Then you need find all alternative splicing events, which you do by
running ``outrigger index`` on the splice junction files and the gtf.
Here is an example command:


outrigger index --sj-out-tab * \
--gtf /projects/ps-yeolab/genomes/mm10/gencode/m10/gencode.vM10.annotation.gtf

Next, you'll want to validate that the splicing events you found follow
biological rules, such as being containing GT/AG (mammalian major
spliceosome) or AT/AC (mammalian minor splicesome) sequences. To do
that, you'll need to provide the genome name (e.g. ``mm10``) and the
genome sequences. An example command is below:


outrigger validate --genome mm10 \
--fasta /projects/ps-yeolab/genomes/mm10/GRCm38.primary_assembly.genome.fa

Finally, you can calculate percent spliced in (Psi) of your splicing
events! Thankfully this is very easy:


outrigger psi

It should be noted that ALL of these commands should be performed in the
same directory, so no moving.

Quick start summary

Here is a summary the commands in the order you would use them for


cd ~/projects/tasic2016/analysis/tasic2016_v1
outrigger index --sj-out-tab * \
--gtf /projects/ps-yeolab/genomes/mm10/gencode/m10/gencode.vM10.annotation.gtf
outrigger validate --genome mm10 \
--fasta /projects/ps-yeolab/genomes/mm10/GRCm38.primary_assembly.genome.fa
outrigger psi

This will create a folder called ``outrigger_output``, which at the end
should look like this:


$ tree outrigger_output
├── index
│   ├── gtf
│   │   ├── gencode.vM10.annotation.subset.gtf
│   │   ├── gencode.vM10.annotation.subset.gtf.db
│   │   └── novel_exons.gtf
│   ├── junction_exon_direction_triples.csv
│   ├── mxe
│   │   ├── events.csv
│   │   ├── exon1.bed
│   │   ├── exon2.bed
│   │   ├── exon3.bed
│   │   ├── exon4.bed
│   │   ├── splice_sites.csv
│   │   └── validated
│   │   └── events.csv
│   └── se
│   ├── events.csv
│   ├── exon1.bed
│   ├── exon2.bed
│   ├── exon3.bed
│   ├── splice_sites.csv
│   └── validated
│   └── events.csv
├── junctions
│   ├── metadata.csv
│   └── reads.csv
└── psi
├── mxe
│   └── psi.csv
├── outrigger_psi.csv
└── se
└── psi.csv

10 directories, 22 files


Here's an in-depth look at the commands of \`outrigger.

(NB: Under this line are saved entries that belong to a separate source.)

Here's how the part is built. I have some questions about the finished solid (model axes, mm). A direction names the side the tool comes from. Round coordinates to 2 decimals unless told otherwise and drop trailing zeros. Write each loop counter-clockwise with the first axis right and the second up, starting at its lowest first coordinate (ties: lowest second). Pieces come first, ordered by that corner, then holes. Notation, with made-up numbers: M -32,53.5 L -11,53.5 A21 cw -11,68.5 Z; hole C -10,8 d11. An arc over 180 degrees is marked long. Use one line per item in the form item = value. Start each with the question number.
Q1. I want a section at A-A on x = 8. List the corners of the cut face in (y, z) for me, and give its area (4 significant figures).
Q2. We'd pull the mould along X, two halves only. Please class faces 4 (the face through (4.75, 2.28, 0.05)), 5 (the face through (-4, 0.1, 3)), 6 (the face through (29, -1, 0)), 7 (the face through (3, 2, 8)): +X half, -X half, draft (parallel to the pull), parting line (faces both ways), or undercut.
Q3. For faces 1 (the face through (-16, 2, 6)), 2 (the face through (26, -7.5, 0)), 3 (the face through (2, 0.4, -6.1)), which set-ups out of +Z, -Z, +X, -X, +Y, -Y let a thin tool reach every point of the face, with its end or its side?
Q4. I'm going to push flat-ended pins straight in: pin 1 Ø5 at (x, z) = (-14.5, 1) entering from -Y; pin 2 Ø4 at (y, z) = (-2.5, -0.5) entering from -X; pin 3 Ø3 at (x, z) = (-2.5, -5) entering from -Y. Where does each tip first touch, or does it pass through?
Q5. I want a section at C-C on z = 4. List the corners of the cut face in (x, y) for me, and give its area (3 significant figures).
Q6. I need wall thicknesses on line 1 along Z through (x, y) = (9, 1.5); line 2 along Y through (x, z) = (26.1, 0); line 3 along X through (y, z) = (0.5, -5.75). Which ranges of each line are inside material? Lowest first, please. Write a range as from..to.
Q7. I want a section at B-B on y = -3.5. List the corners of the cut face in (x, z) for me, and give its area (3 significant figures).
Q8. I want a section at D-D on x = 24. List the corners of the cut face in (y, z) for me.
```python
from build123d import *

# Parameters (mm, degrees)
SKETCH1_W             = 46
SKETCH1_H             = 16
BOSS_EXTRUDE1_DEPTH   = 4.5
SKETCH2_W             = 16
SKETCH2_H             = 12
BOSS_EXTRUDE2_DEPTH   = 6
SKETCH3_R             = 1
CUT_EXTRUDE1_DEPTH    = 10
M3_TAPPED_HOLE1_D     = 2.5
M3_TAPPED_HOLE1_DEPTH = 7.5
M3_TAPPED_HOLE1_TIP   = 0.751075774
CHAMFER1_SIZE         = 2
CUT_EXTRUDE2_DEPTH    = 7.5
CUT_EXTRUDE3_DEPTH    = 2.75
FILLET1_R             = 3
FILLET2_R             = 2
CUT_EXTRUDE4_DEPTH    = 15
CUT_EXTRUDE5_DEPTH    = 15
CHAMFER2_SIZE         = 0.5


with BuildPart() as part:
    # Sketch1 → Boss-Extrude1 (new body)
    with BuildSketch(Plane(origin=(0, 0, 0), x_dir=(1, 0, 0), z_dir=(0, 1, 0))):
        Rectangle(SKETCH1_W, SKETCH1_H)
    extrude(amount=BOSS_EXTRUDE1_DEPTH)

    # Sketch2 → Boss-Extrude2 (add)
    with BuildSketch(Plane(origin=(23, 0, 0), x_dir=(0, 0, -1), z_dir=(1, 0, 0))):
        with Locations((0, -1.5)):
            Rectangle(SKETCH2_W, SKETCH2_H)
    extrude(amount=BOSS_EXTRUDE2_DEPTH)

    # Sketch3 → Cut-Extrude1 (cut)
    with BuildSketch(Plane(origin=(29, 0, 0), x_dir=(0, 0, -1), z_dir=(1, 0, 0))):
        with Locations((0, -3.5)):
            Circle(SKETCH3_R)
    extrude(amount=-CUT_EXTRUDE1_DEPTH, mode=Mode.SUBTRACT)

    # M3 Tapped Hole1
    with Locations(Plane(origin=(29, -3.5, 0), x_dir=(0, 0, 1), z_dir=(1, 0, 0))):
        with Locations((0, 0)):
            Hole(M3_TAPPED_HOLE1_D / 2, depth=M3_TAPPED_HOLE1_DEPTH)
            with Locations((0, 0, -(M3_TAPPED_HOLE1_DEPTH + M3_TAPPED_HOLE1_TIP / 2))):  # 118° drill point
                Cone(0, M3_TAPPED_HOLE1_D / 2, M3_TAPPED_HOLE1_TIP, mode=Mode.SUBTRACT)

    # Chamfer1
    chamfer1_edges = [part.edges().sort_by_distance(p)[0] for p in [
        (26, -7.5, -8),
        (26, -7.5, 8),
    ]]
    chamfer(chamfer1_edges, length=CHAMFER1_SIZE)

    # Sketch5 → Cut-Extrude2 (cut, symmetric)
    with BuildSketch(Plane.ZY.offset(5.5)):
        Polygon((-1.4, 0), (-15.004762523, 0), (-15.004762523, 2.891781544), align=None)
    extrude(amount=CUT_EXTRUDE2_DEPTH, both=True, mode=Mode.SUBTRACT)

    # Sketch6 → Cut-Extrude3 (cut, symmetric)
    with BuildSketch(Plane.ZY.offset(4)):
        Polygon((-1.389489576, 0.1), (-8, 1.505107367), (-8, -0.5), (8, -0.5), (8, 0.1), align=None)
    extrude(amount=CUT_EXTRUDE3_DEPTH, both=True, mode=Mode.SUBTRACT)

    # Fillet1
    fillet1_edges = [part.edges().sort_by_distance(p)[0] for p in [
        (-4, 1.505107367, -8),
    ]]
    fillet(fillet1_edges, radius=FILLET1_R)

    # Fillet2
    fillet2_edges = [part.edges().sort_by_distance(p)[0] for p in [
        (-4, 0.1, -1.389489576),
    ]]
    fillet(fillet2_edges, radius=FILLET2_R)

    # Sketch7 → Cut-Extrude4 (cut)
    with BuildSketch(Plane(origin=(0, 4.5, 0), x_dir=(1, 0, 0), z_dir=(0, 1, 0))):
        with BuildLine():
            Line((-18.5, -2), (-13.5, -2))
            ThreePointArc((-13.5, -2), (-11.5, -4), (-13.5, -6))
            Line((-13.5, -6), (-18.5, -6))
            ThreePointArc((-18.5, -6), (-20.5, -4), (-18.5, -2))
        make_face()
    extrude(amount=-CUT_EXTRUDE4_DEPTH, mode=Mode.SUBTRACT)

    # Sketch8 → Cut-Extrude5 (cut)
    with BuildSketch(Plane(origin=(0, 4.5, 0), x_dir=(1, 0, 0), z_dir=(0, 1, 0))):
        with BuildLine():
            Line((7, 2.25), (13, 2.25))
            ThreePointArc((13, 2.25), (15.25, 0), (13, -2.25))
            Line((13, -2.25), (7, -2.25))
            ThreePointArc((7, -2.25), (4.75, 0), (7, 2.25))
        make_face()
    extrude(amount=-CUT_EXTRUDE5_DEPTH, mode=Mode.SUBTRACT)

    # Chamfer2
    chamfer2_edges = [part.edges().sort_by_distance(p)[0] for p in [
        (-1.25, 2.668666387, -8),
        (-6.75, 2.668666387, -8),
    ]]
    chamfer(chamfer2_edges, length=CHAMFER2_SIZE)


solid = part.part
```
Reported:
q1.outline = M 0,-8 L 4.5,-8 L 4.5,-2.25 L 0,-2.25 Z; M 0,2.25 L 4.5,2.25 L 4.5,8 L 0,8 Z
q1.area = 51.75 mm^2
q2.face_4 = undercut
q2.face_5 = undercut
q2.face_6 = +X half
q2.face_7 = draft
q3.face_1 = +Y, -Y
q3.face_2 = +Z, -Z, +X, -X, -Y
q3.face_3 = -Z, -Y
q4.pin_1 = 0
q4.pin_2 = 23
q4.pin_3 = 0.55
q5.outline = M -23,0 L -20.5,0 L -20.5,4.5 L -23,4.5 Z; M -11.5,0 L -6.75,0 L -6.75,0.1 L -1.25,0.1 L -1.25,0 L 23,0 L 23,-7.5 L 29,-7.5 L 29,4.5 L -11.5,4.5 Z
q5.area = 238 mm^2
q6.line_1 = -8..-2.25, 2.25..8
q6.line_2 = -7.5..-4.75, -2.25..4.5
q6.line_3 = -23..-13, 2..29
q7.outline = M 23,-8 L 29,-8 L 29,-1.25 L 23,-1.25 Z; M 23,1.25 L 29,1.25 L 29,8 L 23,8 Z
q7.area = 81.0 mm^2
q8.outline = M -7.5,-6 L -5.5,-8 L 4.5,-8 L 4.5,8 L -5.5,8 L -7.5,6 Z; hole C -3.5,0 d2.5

``index``: Build a *de novo* splicing annotation index of events custom to *your* data

The "help" output of the two programs tries to be explicit about what is
required to run ``outrigger``. Below is the output of when you use the
command, ``outrigger index --help``


$ outrigger index --help
usage: outrigger index [-h] [-o OUTPUT]
[-m MIN_READS] [--use-multimapping]
(-g GTF_FILENAME | -d GFFUTILS_DB) [--debug]

optional arguments:
-h, --help show this help message and exit
-o OUTPUT, --output OUTPUT
Name of the folder where you saved the output from
"outrigger index" (default is ./outrigger_output,
which is relative to the directory where you called
the program)". You will need this file for the next
step, "outrigger psi" (default="./outrigger_output")
-j [SJ_OUT_TAB [SJ_OUT_TAB ...]], --sj-out-tab [SJ_OUT_TAB [SJ_OUT_TAB ...]] files from STAR aligner output
Name of the splice junction files to calculate psi
scores on. If not provided, the compiled
'./outrigger_output/junction_reads/reads.csv' file
with all the samples from the files that
were used during 'outrigger index' will be used. Not
required if you specify file with '--sj-
-m MIN_READS, --min-reads MIN_READS
Minimum number of reads per junction for that junction
to count in creating the index of splicing events
--use-multimapping Applies to STAR files only. If this flag is
used, then include reads that mapped to multiple
locations in the genome, not uniquely to a locus, in
the read count for a junction. By default, this is
off, and only uniquely mapped reads are used.
-g GTF_FILENAME, --gtf-filename GTF_FILENAME
Name of the gtf file you want to use. If a gffutils
feature database doesn't already exist at this
location plus '.db' (e.g. if your gtf is
gencode.v19.annotation.gtf, then the database is
inferred to be gencode.v19.annotation.gtf.db), then a
database will be auto-created. Not required if you
provide a pre-built database with '--gffutils-db'
-d GFFUTILS_DB, --gffutils-db GFFUTILS_DB
Name of the gffutils database file you want to use.
The exon IDs defined here will be used in the function
when creating splicing event names. Not required if
you provide a gtf file with '--gtf-filename'
--debug If given, print debugging logging information to
standard out (Warning: LOTS of output. Not recommended
unless you think something is going wrong)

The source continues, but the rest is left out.